Daffy Duck steps off a cliff, expecting further pastureland.  He 
loiters in midair, soliloquizing flippantly, until he chances to look 
down.  At this point, the familiar principle of 32 feet per second 
per second takes over.


Cartoon Law II
==============
Any body in motion will tend to remain in motion until solid matter
intervenes suddenly. Whether shot from a cannon or in hot 
pursuit on foot, cartoon characters are so absolute in their 
momentum that only a telephone pole or an outsize
boulder retards their forward motion absolutely.  Sir Isaac 
Newton called this sudden termination of motion the stooge's 
surcease.


Cartoon Law III
===============
Any body passing through solid matter will leave a perforation 
conforming to its perimeter.

Also called the silhouette of passage, this phenomenon is the 
specialty of victims of directed-pressure explosions and of 
reckless cowards who are so eager to escape that they exit 
directly through the wall of a house, leaving a cookie-cutout-
perfect hole.  The threat of skunks or matrimony often catalyzes 
this reaction.


Cartoon Law IV
==============
The time required for an object to fall twenty stories is greater 
than or equal to the time it takes for whoever knocked it off the 
ledge to spiral down twenty flights to attempt to capture it 
unbroken. 

Such an object is inevitably priceless, the attempt to capture it
inevitably unsuccessful.


Cartoon Law V
=============
All principles of gravity are negated by fear.
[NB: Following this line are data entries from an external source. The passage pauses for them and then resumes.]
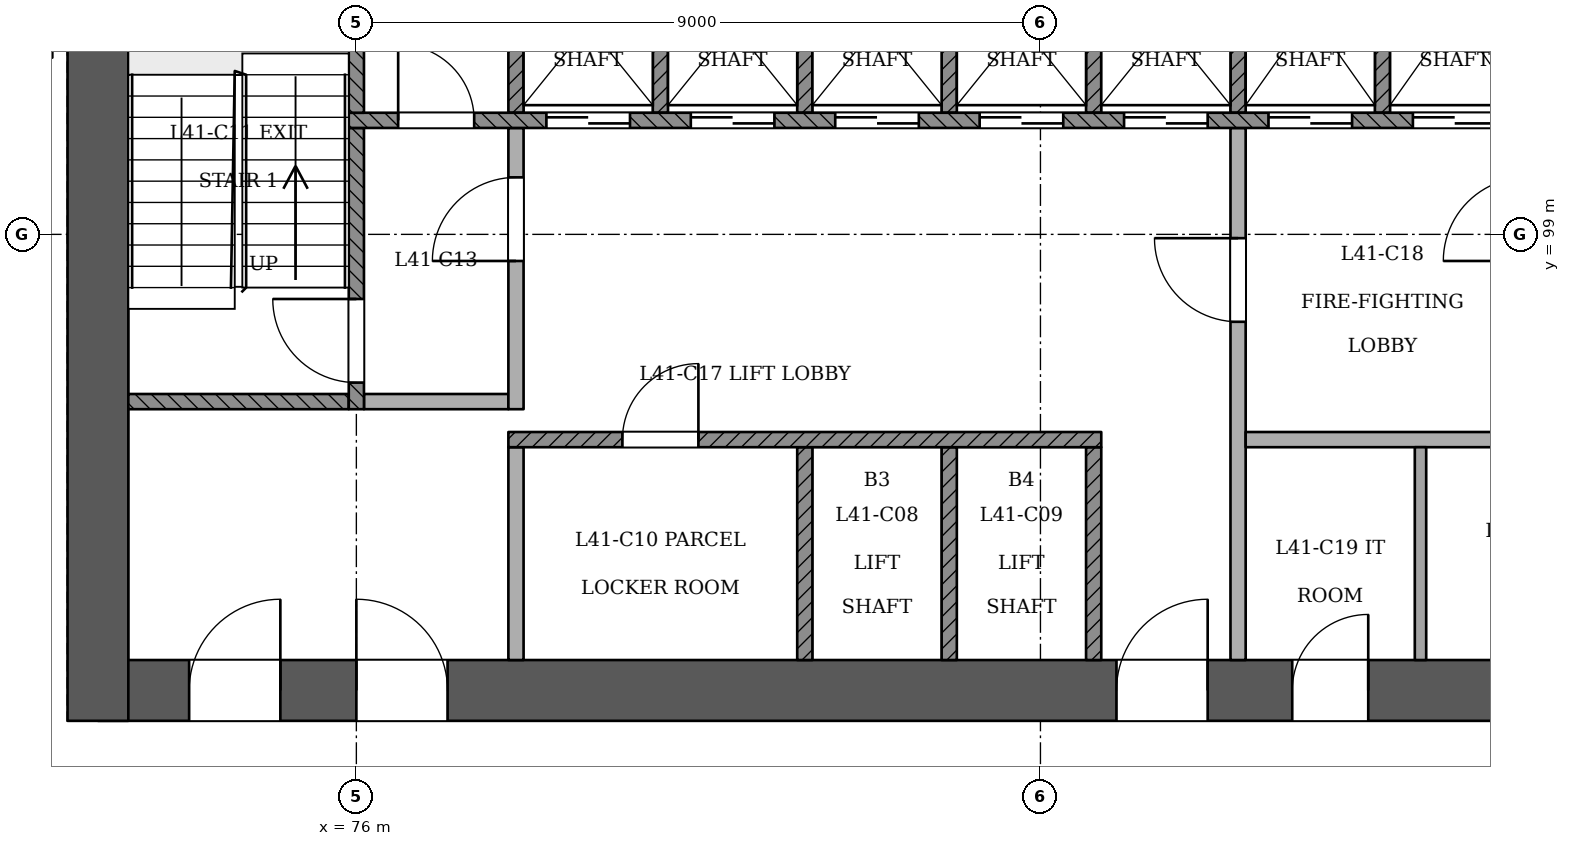
"""IFC4 building model, lengths in metres.
Left out: names, types, materials, properties, quantities, classifications, styles, units other than length and angle.
Written with IfcOpenShell. Run it as: python <this file> out.ifc"""

import sys

from ifc_helpers import new_model, si_unit, direction, frame, frame_2d, origin, place, context, subcontext, project, spatial, rectangle, extrude, element, fill, save


model = new_model("IFC4")
c1 = context("Model", 3, precision=1e-05, world=origin(), true_north=direction((0.0, 1.0)))
c2 = subcontext(c1, "Body", "Model", "MODEL_VIEW")
j1 = project(units=[si_unit("LENGTHUNIT", "METRE"), si_unit("PLANEANGLEUNIT", "RADIAN")], contexts=[c1])
p1 = place(None, origin())
s1 = spatial("IfcSite", under=j1, at=p1, CompositionType="ELEMENT")
p2 = place(p1, origin())
s2 = spatial("IfcBuilding", under=s1, at=p2, CompositionType="ELEMENT")
p3 = place(p2, frame((0.0, 0.0, 160.2)))
s3 = spatial("IfcBuildingStorey", under=s2, at=p3, CompositionType="ELEMENT", Elevation=160.2)
p4 = place(p3, frame((72.6, 93.0, 0.0), z_axis=(0.0, 0.0, 1.0), x_axis=(1.0, 0.0, 0.0)))
e1 = element("IfcWall", 1, at=p4, inside=s3, PredefinedType="SHEAR", context=c2, shape_type="SweptSolid", body=[
    extrude(rectangle(XDim=25.2, YDim=0.8, at=frame_2d((12.6, 0.0))), origin(), (0.0, 0.0, 1.0), 3.6),
])
p5 = place(p4, frame((1.2, 0.0, 0.0)))
e2 = element("IfcOpeningElement", 2, at=p5, cuts=e1, PredefinedType="OPENING", context=c2, shape_type="SweptSolid", body=[
    extrude(rectangle(XDim=1.2, YDim=2.1, at=frame_2d((0.6, 1.05))), frame((0.0, 0.411, 0.0), z_axis=(0.0, -1.0, 0.0), x_axis=(1.0, 0.0, 0.0)), (0.0, 0.0, 1.0), 0.821),
])
p6 = place(p4, frame((3.4, 0.0, 0.0)))
e3 = element("IfcOpeningElement", 3, at=p6, cuts=e1, PredefinedType="OPENING", context=c2, shape_type="SweptSolid", body=[
    extrude(rectangle(XDim=1.2, YDim=2.1, at=frame_2d((0.6, 1.05))), frame((0.0, 0.411, 0.0), z_axis=(0.0, -1.0, 0.0), x_axis=(1.0, 0.0, 0.0)), (0.0, 0.0, 1.0), 0.821),
])
p7 = place(p4, frame((13.4, 0.0, 0.0)))
e4 = element("IfcOpeningElement", 4, at=p7, cuts=e1, PredefinedType="OPENING", context=c2, shape_type="SweptSolid", body=[
    extrude(rectangle(XDim=1.2, YDim=2.1, at=frame_2d((0.6, 1.05))), frame((0.0, 0.411, 0.0), z_axis=(0.0, -1.0, 0.0), x_axis=(1.0, 0.0, 0.0)), (0.0, 0.0, 1.0), 0.821),
])
p8 = place(p4, frame((15.712, 0.0, 0.0)))
e5 = element("IfcOpeningElement", 5, at=p8, cuts=e1, PredefinedType="OPENING", context=c2, shape_type="SweptSolid", body=[
    extrude(rectangle(XDim=1.0, YDim=2.1, at=frame_2d((0.5, 1.05))), frame((0.0, 0.411, 0.0), z_axis=(0.0, -1.0, 0.0), x_axis=(1.0, 0.0, 0.0)), (0.0, 0.0, 1.0), 0.821),
])
p9 = place(p4, frame((19.15, 0.0, 0.0)))
e6 = element("IfcOpeningElement", 6, at=p9, cuts=e1, PredefinedType="OPENING", context=c2, shape_type="SweptSolid", body=[
    extrude(rectangle(XDim=1.0, YDim=2.1, at=frame_2d((0.5, 1.05))), frame((0.0, 0.411, 0.0), z_axis=(0.0, -1.0, 0.0), x_axis=(1.0, 0.0, 0.0)), (0.0, 0.0, 1.0), 0.821),
])
p10 = place(p4, frame((22.688, 0.0, 0.0)))
e7 = element("IfcOpeningElement", 7, at=p10, cuts=e1, PredefinedType="OPENING", context=c2, shape_type="SweptSolid", body=[
    extrude(rectangle(XDim=1.0, YDim=2.1, at=frame_2d((0.5, 1.05))), frame((0.0, 0.411, 0.0), z_axis=(0.0, -1.0, 0.0), x_axis=(1.0, 0.0, 0.0)), (0.0, 0.0, 1.0), 0.821),
])
p11 = place(p3, frame((72.6, 103.8, 0.0), z_axis=(0.0, 0.0, 1.0), x_axis=(0.0, -1.0, 0.0)))
e8 = element("IfcWall", 8, at=p11, inside=s3, PredefinedType="SHEAR", context=c2, shape_type="SweptSolid", body=[
    extrude(rectangle(XDim=11.2, YDim=0.8, at=frame_2d((5.6, 0.0))), origin(), (0.0, 0.0, 1.0), 3.6),
])
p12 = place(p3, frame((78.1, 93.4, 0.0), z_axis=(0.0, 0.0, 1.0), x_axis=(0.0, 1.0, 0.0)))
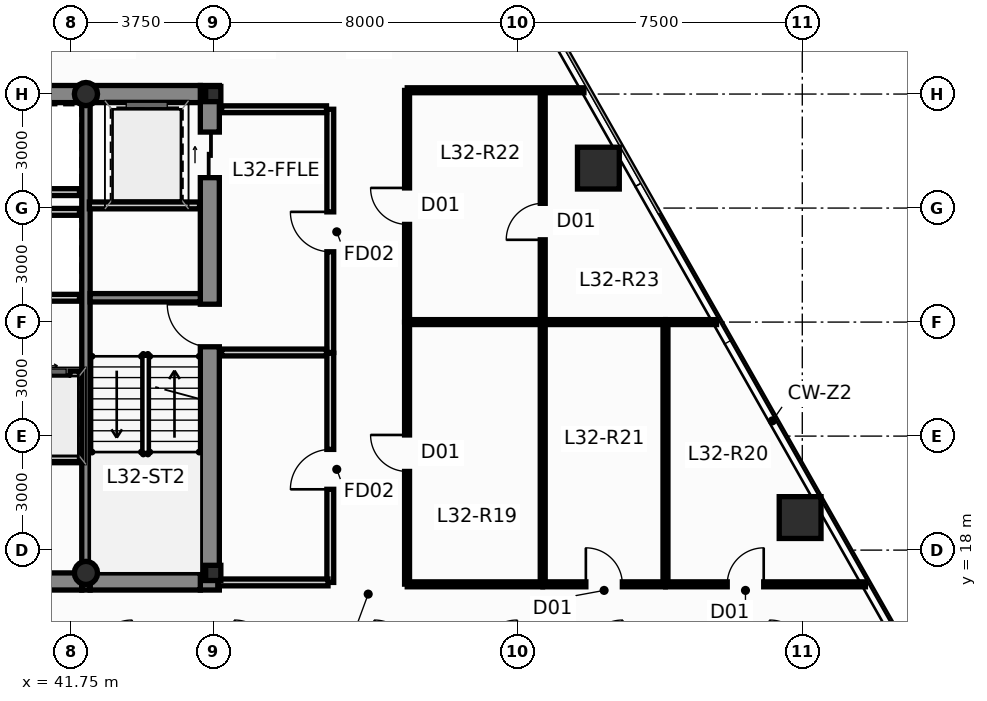
"""IFC4 building model, lengths in metres.
Left out: names, types, materials, properties, quantities, classifications, styles, units other than length and angle.
Written with IfcOpenShell. Run it as: python <this file> out.ifc"""

import sys

from ifc_helpers import new_model, si_unit, direction, frame, frame_2d, origin, origin_2d, place, context, subcontext, project, spatial, rectangle, hollow_rectangle, hollow_circle, i_section, extrude, source, transform, mapped, element, fill, save


model = new_model("IFC4")
c1 = context("Model", 3, precision=1e-05, world=origin(), true_north=direction((0.0, 1.0)))
c2 = subcontext(c1, "Body", "Model", "MODEL_VIEW")
j1 = project(units=[si_unit("LENGTHUNIT", "METRE"), si_unit("PLANEANGLEUNIT", "RADIAN")], contexts=[c1])
p1 = place(None, origin())
s1 = spatial("IfcSite", under=j1, at=p1, CompositionType="ELEMENT")
p2 = place(p1, origin())
s2 = spatial("IfcBuilding", under=s1, at=p2, CompositionType="ELEMENT")
p3 = place(p2, frame((0.0, 0.0, 123.65)))
s3 = spatial("IfcBuildingStorey", under=s2, at=p3, CompositionType="ELEMENT", Elevation=123.65)
m1 = source(origin(), c2, "Body", "SweptSolid", [
    extrude(i_section(OverallWidth=0.4, OverallDepth=0.4, WebThickness=0.02, FlangeThickness=0.032, at=origin_2d()), origin(), (0.0, 0.0, 1.0), 3.65),
])
for number, where, z_axis, x_axis in (
    (1, (45.5, 17.4, 0.0), (0.0, 0.0, 1.0), (1.0, 0.0, 0.0)),
    (2, (45.5, 30.0, 0.0), (0.0, 0.0, 1.0), (1.0, 0.0, 0.0)),
):
    element("IfcColumn", number, at=place(p3, frame(where, z_axis=z_axis, x_axis=x_axis)), inside=s3, PredefinedType="COLUMN", context=c2, shape_type="MappedRepresentation", body=[
        mapped(m1, transform((0.0, 0.0, 0.0), scale=1.0)),
    ])
m2 = source(origin(), c2, "Body", "SweptSolid", [
    extrude(hollow_circle(Radius=0.305, WallThickness=0.025, at=origin_2d()), origin(), (0.0, 0.0, 1.0), 3.65),
])
for number, where, z_axis, x_axis in (
    (3, (42.15, 17.4, 0.0), (0.0, 0.0, 1.0), (1.0, 0.0, 0.0)),
    (4, (42.15, 30.0, 0.0), (0.0, 0.0, 1.0), (1.0, 0.0, 0.0)),
):
    element("IfcColumn", number, at=place(p3, frame(where, z_axis=z_axis, x_axis=x_axis)), inside=s3, PredefinedType="COLUMN", context=c2, shape_type="MappedRepresentation", body=[
        mapped(m2, transform((0.0, 0.0, 0.0), scale=1.0)),
    ])
p4 = place(p3, frame((45.41, 16.95, 0.0), z_axis=(0.0, 0.0, 1.0), x_axis=(0.0, 1.0, 0.0)))
e5 = element("IfcWall", 5, at=p4, inside=s3, PredefinedType="SHEAR", context=c2, shape_type="SweptSolid", body=[
    extrude(rectangle(XDim=13.275, YDim=0.5, at=frame_2d((6.638, 0.0))), origin(), (0.0, 0.0, 1.0), 3.65),
])
p5 = place(p4, frame((6.4, 0.0, 0.0)))
e6 = element("IfcOpeningElement", 6, at=p5, cuts=e5, PredefinedType="OPENING", context=c2, shape_type="SweptSolid", body=[
    extrude(rectangle(XDim=1.12, YDim=2.15, at=frame_2d((0.56, 1.075))), frame((0.0, 0.262, 0.0), z_axis=(0.0, -1.0, 0.0), x_axis=(1.0, 0.0, 0.0)), (0.0, 0.0, 1.0), 0.524),
])
p6 = place(p4, frame((10.85, 0.0, 0.0)))
e7 = element("IfcOpeningElement", 7, at=p6, cuts=e5, PredefinedType="OPENING", context=c2, shape_type="SweptSolid", body=[
    extrude(rectangle(XDim=1.2, YDim=2.2, at=frame_2d((0.6, 1.1))), frame((0.0, 0.262, 0.0), z_axis=(0.0, -1.0, 0.0), x_axis=(1.0, 0.0, 0.0)), (0.0, 0.0, 1.0), 0.524),
])
p7 = place(p3, frame((33.96, 17.175, 0.0), z_axis=(0.0, 0.0, 1.0), x_axis=(1.0, 0.0, 0.0)))
e8 = element("IfcWall", 8, at=p7, inside=s3, PredefinedType="SHEAR", context=c2, shape_type="SweptSolid", body=[
    extrude(rectangle(XDim=8.08, YDim=0.45, at=frame_2d((4.04, 0.0))), origin(), (0.0, 0.0, 1.0), 3.65),
])
p8 = place(p3, frame((42.26, 17.175, 0.0), z_axis=(0.0, 0.0, 1.0), x_axis=(1.0, 0.0, 0.0)))
e9 = element("IfcWall", 9, at=p8, inside=s3, PredefinedType="SHEAR", context=c2, shape_type="SweptSolid", body=[
    extrude(rectangle(XDim=2.9, YDim=0.45, at=frame_2d((1.45, 0.0))), origin(), (0.0, 0.0, 1.0), 3.65),
])
p9 = place(p3, frame((40.16, 30.0, 0.0), z_axis=(0.0, 0.0, 1.0), x_axis=(1.0, 0.0, 0.0)))
e10 = element("IfcWall", 10, at=p9, inside=s3, PredefinedType="SHEAR", context=c2, shape_type="SweptSolid", body=[
    extrude(rectangle(XDim=1.88, YDim=0.45, at=frame_2d((0.94, 0.0))), origin(), (0.0, 0.0, 1.0), 3.65),
])
p10 = place(p3, frame((42.26, 30.0, 0.0), z_axis=(0.0, 0.0, 1.0), x_axis=(1.0, 0.0, 0.0)))
e11 = element("IfcWall", 11, at=p10, inside=s3, PredefinedType="SHEAR", context=c2, shape_type="SweptSolid", body=[
    extrude(rectangle(XDim=2.9, YDim=0.45, at=frame_2d((1.45, 0.0))), origin(), (0.0, 0.0, 1.0), 3.65),
])
p11 = place(p3, frame((42.15, 16.95, 0.0), z_axis=(0.0, 0.0, 1.0), x_axis=(0.0, 1.0, 0.0)))
e12 = element("IfcWall", 12, at=p11, inside=s3, PredefinedType="SHEAR", context=c2, shape_type="SweptSolid", body=[
    extrude(rectangle(XDim=13.275, YDim=0.22, at=frame_2d((6.638, 0.0))), origin(), (0.0, 0.0, 1.0), 3.65),
])
p12 = place(p3, frame((42.26, 24.64, 0.0), z_axis=(0.0, 0.0, 1.0), x_axis=(1.0, 0.0, 0.0)))
e13 = element("IfcWall", 13, at=p12, inside=s3, PredefinedType="SHEAR", context=c2, shape_type="SweptSolid", body=[
    extrude(rectangle(XDim=2.9, YDim=0.22, at=frame_2d((1.45, 0.0))), origin(), (0.0, 0.0, 1.0), 3.65),
])
m3 = source(origin(), c2, "Body", "SweptSolid", [
    extrude(hollow_rectangle(XDim=1.1, YDim=1.1, WallThickness=0.06, at=origin_2d()), origin(), (0.0, 0.0, 1.0), 3.651),
])
p13 = place(p3, frame((60.943, 18.856, 0.0), z_axis=(-0.010431083049, -0.021597691184, 0.999712324742), x_axis=(0.900476348161, -0.434904985489, 0.0)))
e14 = element("IfcColumn", 14, at=p13, inside=s3, PredefinedType="COLUMN", context=c2, shape_type="MappedRepresentation", body=[
    mapped(m3, transform((0.0, 0.0, 0.0), scale=1.0)),
])
m4 = source(origin(), c2, "Body", "SweptSolid", [
    extrude(hollow_rectangle(XDim=1.1, YDim=1.1, WallThickness=0.06, at=origin_2d()), origin(), (0.0, 0.0, 1.0), 3.651),
])
p14 = place(p3, frame((55.635, 28.051, 0.0), z_axis=(-0.014912316331, -0.013775502979, 0.999793907933), x_axis=(0.678553674548, -0.734550822447, 0.0)))
e15 = element("IfcColumn", 15, at=p14, inside=s3, PredefinedType="COLUMN", context=c2, shape_type="MappedRepresentation", body=[
    mapped(m4, transform((0.0, 0.0, 0.0), scale=1.0)),
])
p15 = place(p3, frame((40.28, 22.62, 0.0), z_axis=(0.0, 0.0, 1.0), x_axis=(1.0, 0.0, 0.0)))
e16 = element("IfcWall", 16, at=p15, inside=s3, PredefinedType="PARTITIONING", context=c2, shape_type="SweptSolid", body=[
    extrude(rectangle(XDim=1.7, YDim=0.18, at=frame_2d((0.85, 0.0))), origin(), (0.0, 0.0, 1.0), 3.4),
])
p16 = place(p15, frame((0.35, 0.0, 0.0)))
e17 = element("IfcOpeningElement", 17, at=p16, cuts=e16, PredefinedType="OPENING", context=c2, shape_type="SweptSolid", body=[
    extrude(rectangle(XDim=1.1, YDim=2.2, at=frame_2d((0.55, 1.1))), frame((0.0, 0.102, 0.0), z_axis=(0.0, -1.0, 0.0), x_axis=(1.0, 0.0, 0.0)), (0.0, 0.0, 1.0), 0.204),
])
p17 = place(p3, frame((40.28, 26.9, 0.0), z_axis=(0.0, 0.0, 1.0), x_axis=(1.0, 0.0, 0.0)))
e18 = element("IfcWall", 18, at=p17, inside=s3, PredefinedType="PARTITIONING", context=c2, shape_type="SweptSolid", body=[
    extrude(rectangle(XDim=1.7, YDim=0.18, at=frame_2d((0.85, 0.0))), origin(), (0.0, 0.0, 1.0), 3.4),
])
p18 = place(p3, frame((40.2, 24.64, 0.0), z_axis=(0.0, 0.0, 1.0), x_axis=(1.0, 0.0, 0.0)))
e19 = element("IfcWall", 19, at=p18, inside=s3, PredefinedType="PARTITIONING", context=c2, shape_type="SweptSolid", body=[
    extrude(rectangle(XDim=1.78, YDim=0.18, at=frame_2d((0.89, 0.0))), origin(), (0.0, 0.0, 1.0), 3.4),
])
p19 = place(p3, frame((40.22, 27.42, 0.0), z_axis=(0.0, 0.0, 1.0), x_axis=(1.0, 0.0, 0.0)))
e20 = element("IfcWall", 20, at=p19, inside=s3, PredefinedType="PARTITIONING", context=c2, shape_type="SweptSolid", body=[
    extrude(rectangle(XDim=1.76, YDim=0.18, at=frame_2d((0.88, 0.0))), origin(), (0.0, 0.0, 1.0), 3.4),
])
p20 = place(p3, frame((48.58, 23.2, 0.0), z_axis=(0.0, 0.0, 1.0), x_axis=(0.0, 1.0, 0.0)))
e21 = element("IfcWall", 21, at=p20, inside=s3, PredefinedType="PARTITIONING", context=c2, shape_type="SweptSolid", body=[
    extrude(rectangle(XDim=6.4, YDim=0.18, at=frame_2d((3.2, 0.0))), origin(), (0.0, 0.0, 1.0), 3.027),
])
p21 = place(p20, frame((2.65, 0.0, 0.0)))
e22 = element("IfcOpeningElement", 22, at=p21, cuts=e21, PredefinedType="OPENING", context=c2, shape_type="SweptSolid", body=[
    extrude(rectangle(XDim=1.05, YDim=2.15, at=frame_2d((0.525, 1.075))), frame((0.0, 0.102, 0.0), z_axis=(0.0, -1.0, 0.0), x_axis=(1.0, 0.0, 0.0)), (0.0, 0.0, 1.0), 0.204),
])
p22 = place(p3, frame((45.72, 23.2, 0.0), z_axis=(0.0, 0.0, 1.0), x_axis=(1.0, 0.0, 0.0)))
e23 = element("IfcWall", 23, at=p22, inside=s3, PredefinedType="PARTITIONING", context=c2, shape_type="SweptSolid", body=[
    extrude(rectangle(XDim=2.76, YDim=0.18, at=frame_2d((1.38, 0.0))), origin(), (0.0, 0.0, 1.0), 3.4),
])
p23 = place(p3, frame((45.72, 29.6, 0.0), z_axis=(0.0, 0.0, 1.0), x_axis=(1.0, 0.0, 0.0)))
e24 = element("IfcWall", 24, at=p23, inside=s3, PredefinedType="PARTITIONING", context=c2, shape_type="SweptSolid", body=[
    extrude(rectangle(XDim=2.76, YDim=0.18, at=frame_2d((1.38, 0.0))), origin(), (0.0, 0.0, 1.0), 2.783),
])
p24 = place(p3, frame((42.24, 27.07, 0.0), z_axis=(0.0, 0.0, 1.0), x_axis=(1.0, 0.0, 0.0)))
e25 = element("IfcWall", 25, at=p24, inside=s3, PredefinedType="PARTITIONING", context=c2, shape_type="SweptSolid", body=[
    extrude(rectangle(XDim=2.9, YDim=0.18, at=frame_2d((1.45, 0.0))), origin(), (0.0, 0.0, 1.0), 3.4),
])
p25 = place(p3, frame((40.22, 20.42, 0.0), z_axis=(0.0, 0.0, 1.0), x_axis=(1.0, 0.0, 0.0)))
e26 = element("IfcWall", 26, at=p25, inside=s3, PredefinedType="PARTITIONING", context=c2, shape_type="SweptSolid", body=[
    extrude(rectangle(XDim=1.76, YDim=0.18, at=frame_2d((0.88, 0.0))), origin(), (0.0, 0.0, 1.0), 3.4),
])
p26 = place(p3, frame((48.58, 17.15, 0.0), z_axis=(0.0, 0.0, 1.0), x_axis=(0.0, 1.0, 0.0)))
e27 = element("IfcWall", 27, at=p26, inside=s3, PredefinedType="PARTITIONING", context=c2, shape_type="SweptSolid", body=[
    extrude(rectangle(XDim=6.03, YDim=0.18, at=frame_2d((3.015, 0.0))), origin(), (0.0, 0.0, 1.0), 3.027),
])
p27 = place(p26, frame((2.45, 0.0, 0.0)))
e28 = element("IfcOpeningElement", 28, at=p27, cuts=e27, PredefinedType="OPENING", context=c2, shape_type="SweptSolid", body=[
    extrude(rectangle(XDim=1.05, YDim=2.15, at=frame_2d((0.525, 1.075))), frame((0.0, 0.102, 0.0), z_axis=(0.0, -1.0, 0.0), x_axis=(1.0, 0.0, 0.0)), (0.0, 0.0, 1.0), 0.204),
])
p28 = place(p3, frame((45.62, 17.15, 0.0), z_axis=(0.0, 0.0, 1.0), x_axis=(1.0, 0.0, 0.0)))
e29 = element("IfcWall", 29, at=p28, inside=s3, PredefinedType="PARTITIONING", context=c2, shape_type="SweptSolid", body=[
    extrude(rectangle(XDim=2.9, YDim=0.18, at=frame_2d((1.45, 0.0))), origin(), (0.0, 0.0, 1.0), 2.783),
])
p29 = place(p3, frame((50.6, 17.105, 0.0), z_axis=(0.0, 0.0, 1.0), x_axis=(0.0, 1.0, 0.0)))
e30 = element("IfcWall", 30, at=p29, inside=s3, PredefinedType="PARTITIONING", context=c2, shape_type="SweptSolid", body=[
    extrude(rectangle(XDim=6.89, YDim=0.13, at=frame_2d((3.445, 0.0))), origin(), (0.0, 0.0, 1.0), 3.027),
])
p30 = place(p29, frame((2.965, 0.0, 0.0)))
e31 = element("IfcOpeningElement", 31, at=p30, cuts=e30, PredefinedType="OPENING", context=c2, shape_type="SweptSolid", body=[
    extrude(rectangle(XDim=0.96, YDim=2.15, at=frame_2d((0.48, 1.075))), frame((0.0, 0.077, 0.0), z_axis=(0.0, -1.0, 0.0), x_axis=(1.0, 0.0, 0.0)), (0.0, 0.0, 1.0), 0.154),
])
p31 = place(p3, frame((54.17, 17.105, 0.0), z_axis=(0.0, 0.0, 1.0), x_axis=(0.0, 1.0, 0.0)))
e32 = element("IfcWall", 32, at=p31, inside=s3, PredefinedType="PARTITIONING", context=c2, shape_type="SweptSolid", body=[
    extrude(rectangle(XDim=6.89, YDim=0.13, at=frame_2d((3.445, 0.0))), origin(), (0.0, 0.0, 1.0), 3.027),
])
p32 = place(p3, frame((57.4, 17.105, 0.0), z_axis=(0.0, 0.0, 1.0), x_axis=(0.0, 1.0, 0.0)))
e33 = element("IfcWall", 33, at=p32, inside=s3, PredefinedType="PARTITIONING", context=c2, shape_type="SweptSolid", body=[
    extrude(rectangle(XDim=6.89, YDim=0.13, at=frame_2d((3.445, 0.0))), origin(), (0.0, 0.0, 1.0), 3.4),
])
p33 = place(p3, frame((50.6, 24.005, 0.0), z_axis=(0.0, 0.0, 1.0), x_axis=(0.0, 1.0, 0.0)))
e34 = element("IfcWall", 34, at=p33, inside=s3, PredefinedType="PARTITIONING", context=c2, shape_type="SweptSolid", body=[
    extrude(rectangle(XDim=6.09, YDim=0.13, at=frame_2d((3.045, 0.0))), origin(), (0.0, 0.0, 1.0), 3.027),
])
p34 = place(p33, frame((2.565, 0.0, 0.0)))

Psychic forces are sufficient in most bodies for a shock to propel 
them directly away from the earth's surface.  A spooky noise or 
an adversary's signature sound will induce motion upward, 
usually to the cradle of a chandelier, a treetop, or the crest of a 
flagpole.  The feet of a character who is running or the wheels of 
a speeding auto need never touch the ground, especially when in 
flight.


Cartoon Law VI
==============
As speed increases, objects can be in several places at once.

This is particularly true of tooth-and-claw fights, in which a 
character's head may be glimpsed emerging from the cloud of 
altercation at several places simultaneously.  This effect is 
common as well among bodies that are spinning or being 
throttled.  A `wacky' character has the option of self-replication 
only at manic high speeds and may ricochet off walls to achieve 
the velocity required.


Cartoon Law VII
===============
Certain bodies can pass through solid walls painted to resemble 
tunnel entrances; others cannot.

This trompe l'oeil inconsistency has baffled generations, but at 
least it is known that whoever paints an entrance on a wall's 
surface to trick an opponent will be unable to pursue him into this 
theoretical space.  The painter is flattened against the wall when 
he attempts to follow into the painting.  This is ultimately a 
problem of art, not of science.


Cartoon Law VIII
================
Any violent rearrangement of feline matter is impermanent.

Cartoon cats possess even more deaths than the traditional nine 
lives might comfortably afford.  They can be decimated, spliced, 
splayed, accordion-pleated, spindled, or disassembled, but they 
cannot be destroyed.  After a few moments of blinking self pity, 
they reinflate, elongate, snap back, or solidify.

Corollary:  A cat will assume the shape of its container.


Cartoon Law IX
==============
Everything falls faster than an anvil.


Cartoon Law X
=============
For every vengeance there is an equal and opposite revengeance.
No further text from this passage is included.